Neuroendocrinology. 2020;110(6):517-524. doi: 10.1159/000503144. Epub 2019 Sep 5.

Abstract

Background: Peritoneal carcinomatosis (PC) can affect the quality of life of patients with gastro-entero-pancreatic neuroendocrine neoplasms (GEP-NENs). Peritoneal disease control by medical therapies in these patients has been poorly investigated Objectives: To describe, in a consecutive series of GEP-NENs, the clinical impact of PC and to report the effectiveness of available treatments in PC control.

Methods: A retrospective, monocenter analysis was performed of 135 GEP-NENs (1993-2016) with at least a 12-month follow-up. Peritoneal disease progression was defined as detection of a significant increase in size or appearance of new implants by imaging.

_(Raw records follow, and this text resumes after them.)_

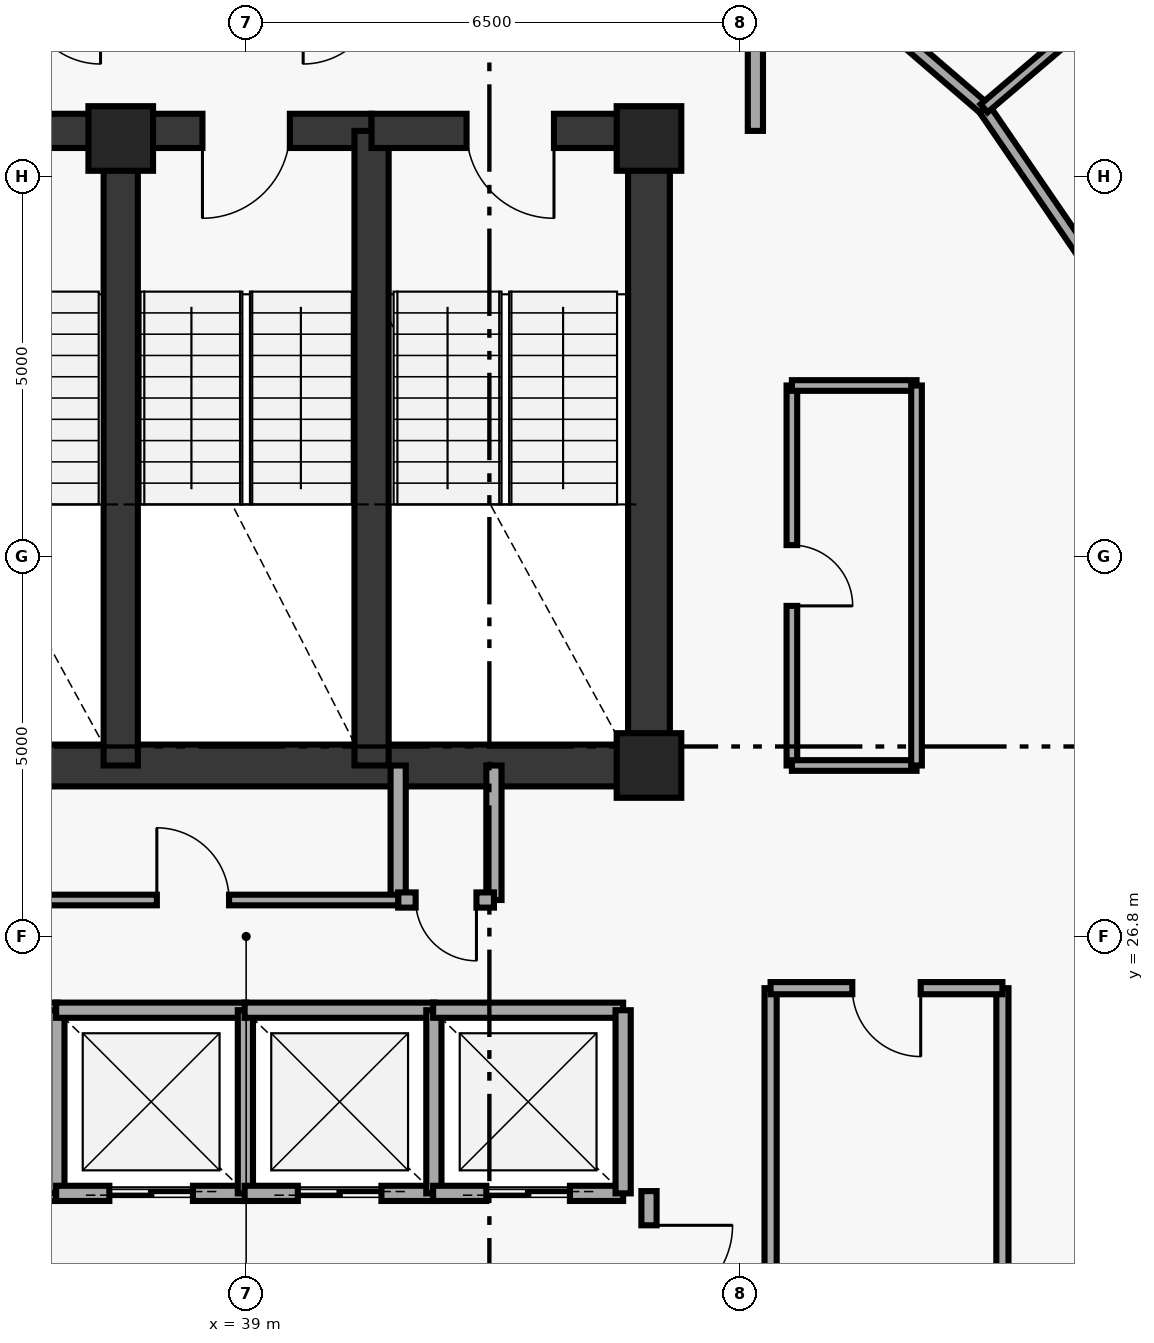
"""IFC4 building model, lengths in metres.
Left out: names, types, materials, properties, quantities, classifications, styles, units other than length and angle.
Written with IfcOpenShell. Run it as: python <this file> out.ifc"""

import sys

from ifc_helpers import new_model, si_unit, direction, frame, frame_2d, origin, origin_2d, place, context, subcontext, project, spatial, rectangle, extrude, element, fill, save


model = new_model("IFC4")
c1 = context("Model", 3, precision=1e-05, world=origin(), true_north=direction((0.0, 1.0)))
c2 = subcontext(c1, "Body", "Model", "MODEL_VIEW")
j1 = project(units=[si_unit("LENGTHUNIT", "METRE"), si_unit("PLANEANGLEUNIT", "RADIAN")], contexts=[c1])
p1 = place(None, origin())
s1 = spatial("IfcSite", under=j1, at=p1, CompositionType="ELEMENT")
p2 = place(p1, origin())
s2 = spatial("IfcBuilding", under=s1, at=p2, CompositionType="ELEMENT")
p3 = place(p2, frame((0.0, 0.0, 251.95)))
s3 = spatial("IfcBuildingStorey", under=s2, at=p3, CompositionType="ELEMENT", Elevation=251.95)
for number, where, z_axis, x_axis in (
    (1, (44.3, 29.05, 0.0), (0.0, 0.0, 1.0), (1.0, 0.0, 0.0)),
    (2, (44.3, 37.3, 0.0), (0.0, 0.0, 1.0), (1.0, 0.0, 0.0)),
    (3, (37.35, 37.3, 0.0), (0.0, 0.0, 1.0), (1.0, 0.0, 0.0)),
):
    element("IfcColumn", number, at=place(p3, frame(where, z_axis=z_axis, x_axis=x_axis)), inside=s3, PredefinedType="PILASTER", context=c2, shape_type="SweptSolid", body=[
        extrude(rectangle(XDim=0.85, YDim=0.85, at=origin_2d()), origin(), (0.0, 0.0, 1.0), 3.39),
    ])
p4 = place(p3, frame((44.3, 29.05, 0.0), z_axis=(0.0, 0.0, 1.0), x_axis=(0.0, 1.0, 0.0)))
e4 = element("IfcWall", 4, at=p4, inside=s3, PredefinedType="SHEAR", context=c2, shape_type="SweptSolid", body=[
    extrude(rectangle(XDim=8.35, YDim=0.55, at=frame_2d((4.175, 0.0))), origin(), (0.0, 0.0, 1.0), 3.39),
])
p5 = place(p3, frame((33.7, 29.05, 0.0), z_axis=(0.0, 0.0, 1.0), x_axis=(1.0, 0.0, 0.0)))
e5 = element("IfcWall", 5, at=p5, inside=s3, PredefinedType="SHEAR", context=c2, shape_type="SweptSolid", body=[
    extrude(rectangle(XDim=10.6, YDim=0.55, at=frame_2d((5.3, 0.0))), origin(), (0.0, 0.0, 1.0), 3.39),
])
p6 = place(p3, frame((37.35, 37.4, 0.0), z_axis=(0.0, 0.0, 1.0), x_axis=(-1.0, 0.0, 0.0)))
e6 = element("IfcWall", 6, at=p6, inside=s3, PredefinedType="SHEAR", context=c2, shape_type="SweptSolid", body=[
    extrude(rectangle(XDim=3.65, YDim=0.45, at=frame_2d((1.825, 0.0))), origin(), (0.0, 0.0, 1.0), 3.39),
])
p7 = place(p6, frame((1.25, 0.0, 0.0)))
e7 = element("IfcOpeningElement", 7, at=p7, cuts=e6, PredefinedType="OPENING", context=c2, shape_type="SweptSolid", body=[
    extrude(rectangle(XDim=1.15, YDim=2.15, at=frame_2d((0.575, 1.075))), frame((0.0, 0.235, 0.0), z_axis=(0.0, -1.0, 0.0), x_axis=(1.0, 0.0, 0.0)), (0.0, 0.0, 1.0), 0.47),
])
p8 = place(p3, frame((37.35, 29.05, 0.0), z_axis=(0.0, 0.0, 1.0), x_axis=(0.0, 1.0, 0.0)))
e8 = element("IfcWall", 8, at=p8, inside=s3, PredefinedType="SHEAR", context=c2, shape_type="SweptSolid", body=[
    extrude(rectangle(XDim=8.35, YDim=0.45, at=frame_2d((4.175, 0.0))), origin(), (0.0, 0.0, 1.0), 3.39),
])
p9 = place(p3, frame((40.65, 37.4, 0.0), z_axis=(0.0, 0.0, 1.0), x_axis=(-1.0, 0.0, 0.0)))
e9 = element("IfcWall", 9, at=p9, inside=s3, PredefinedType="SHEAR", context=c2, shape_type="SweptSolid", body=[
    extrude(rectangle(XDim=3.3, YDim=0.45, at=frame_2d((1.65, 0.0))), origin(), (0.0, 0.0, 1.0), 3.39),
])
p10 = place(p9, frame((1.075, 0.0, 0.0)))
e10 = element("IfcOpeningElement", 10, at=p10, cuts=e9, PredefinedType="OPENING", context=c2, shape_type="SweptSolid", body=[
    extrude(rectangle(XDim=1.15, YDim=2.15, at=frame_2d((0.575, 1.075))), frame((0.0, 0.235, 0.0), z_axis=(0.0, -1.0, 0.0), x_axis=(1.0, 0.0, 0.0)), (0.0, 0.0, 1.0), 0.47),
])
p11 = place(p3, frame((40.65, 29.05, 0.0), z_axis=(0.0, 0.0, 1.0), x_axis=(0.0, 1.0, 0.0)))
e11 = element("IfcWall", 11, at=p11, inside=s3, PredefinedType="SHEAR", context=c2, shape_type="SweptSolid", body=[
    extrude(rectangle(XDim=8.35, YDim=0.45, at=frame_2d((4.175, 0.0))), origin(), (0.0, 0.0, 1.0), 3.39),
])
p12 = place(p3, frame((44.3, 37.4, 0.0), z_axis=(0.0, 0.0, 1.0), x_axis=(-1.0, 0.0, 0.0)))
e12 = element("IfcWall", 12, at=p12, inside=s3, PredefinedType="SHEAR", context=c2, shape_type="SweptSolid", body=[
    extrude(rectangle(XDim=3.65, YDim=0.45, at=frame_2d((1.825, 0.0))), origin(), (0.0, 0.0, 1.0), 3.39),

Results: A total of 62.9% of cases had diffuse PC (involving at least 2 abdominal quadrants). According to WHO 2017 classification, cases were 42.3% neuroendocrine tumors NET-G1, 45.5% NET-G2, 6.5% NET-G3, 4.9% neuroendocrine carcinomas NEC-G3, and 0.8% mixed neuroendocrine-nonneuroendocrine neoplasms. Bowel obstruction occurred in 30 (22.2%) patients mainly depending on size of peritoneal implants (HR: 1.10; 95% CI: 1.02-1.20; p = 0.01). Patients with diffuse PC treated with peptide receptor radionuclide therapy (PRRT) showed peritoneal progression in 37.5% of cases, and bowel obstruction or ascites in 28.1%. Better peritoneal disease control was observed in cases receiving somatostatin analogs at first-line therapy, probably due to a less aggressive disease behavior for these patients.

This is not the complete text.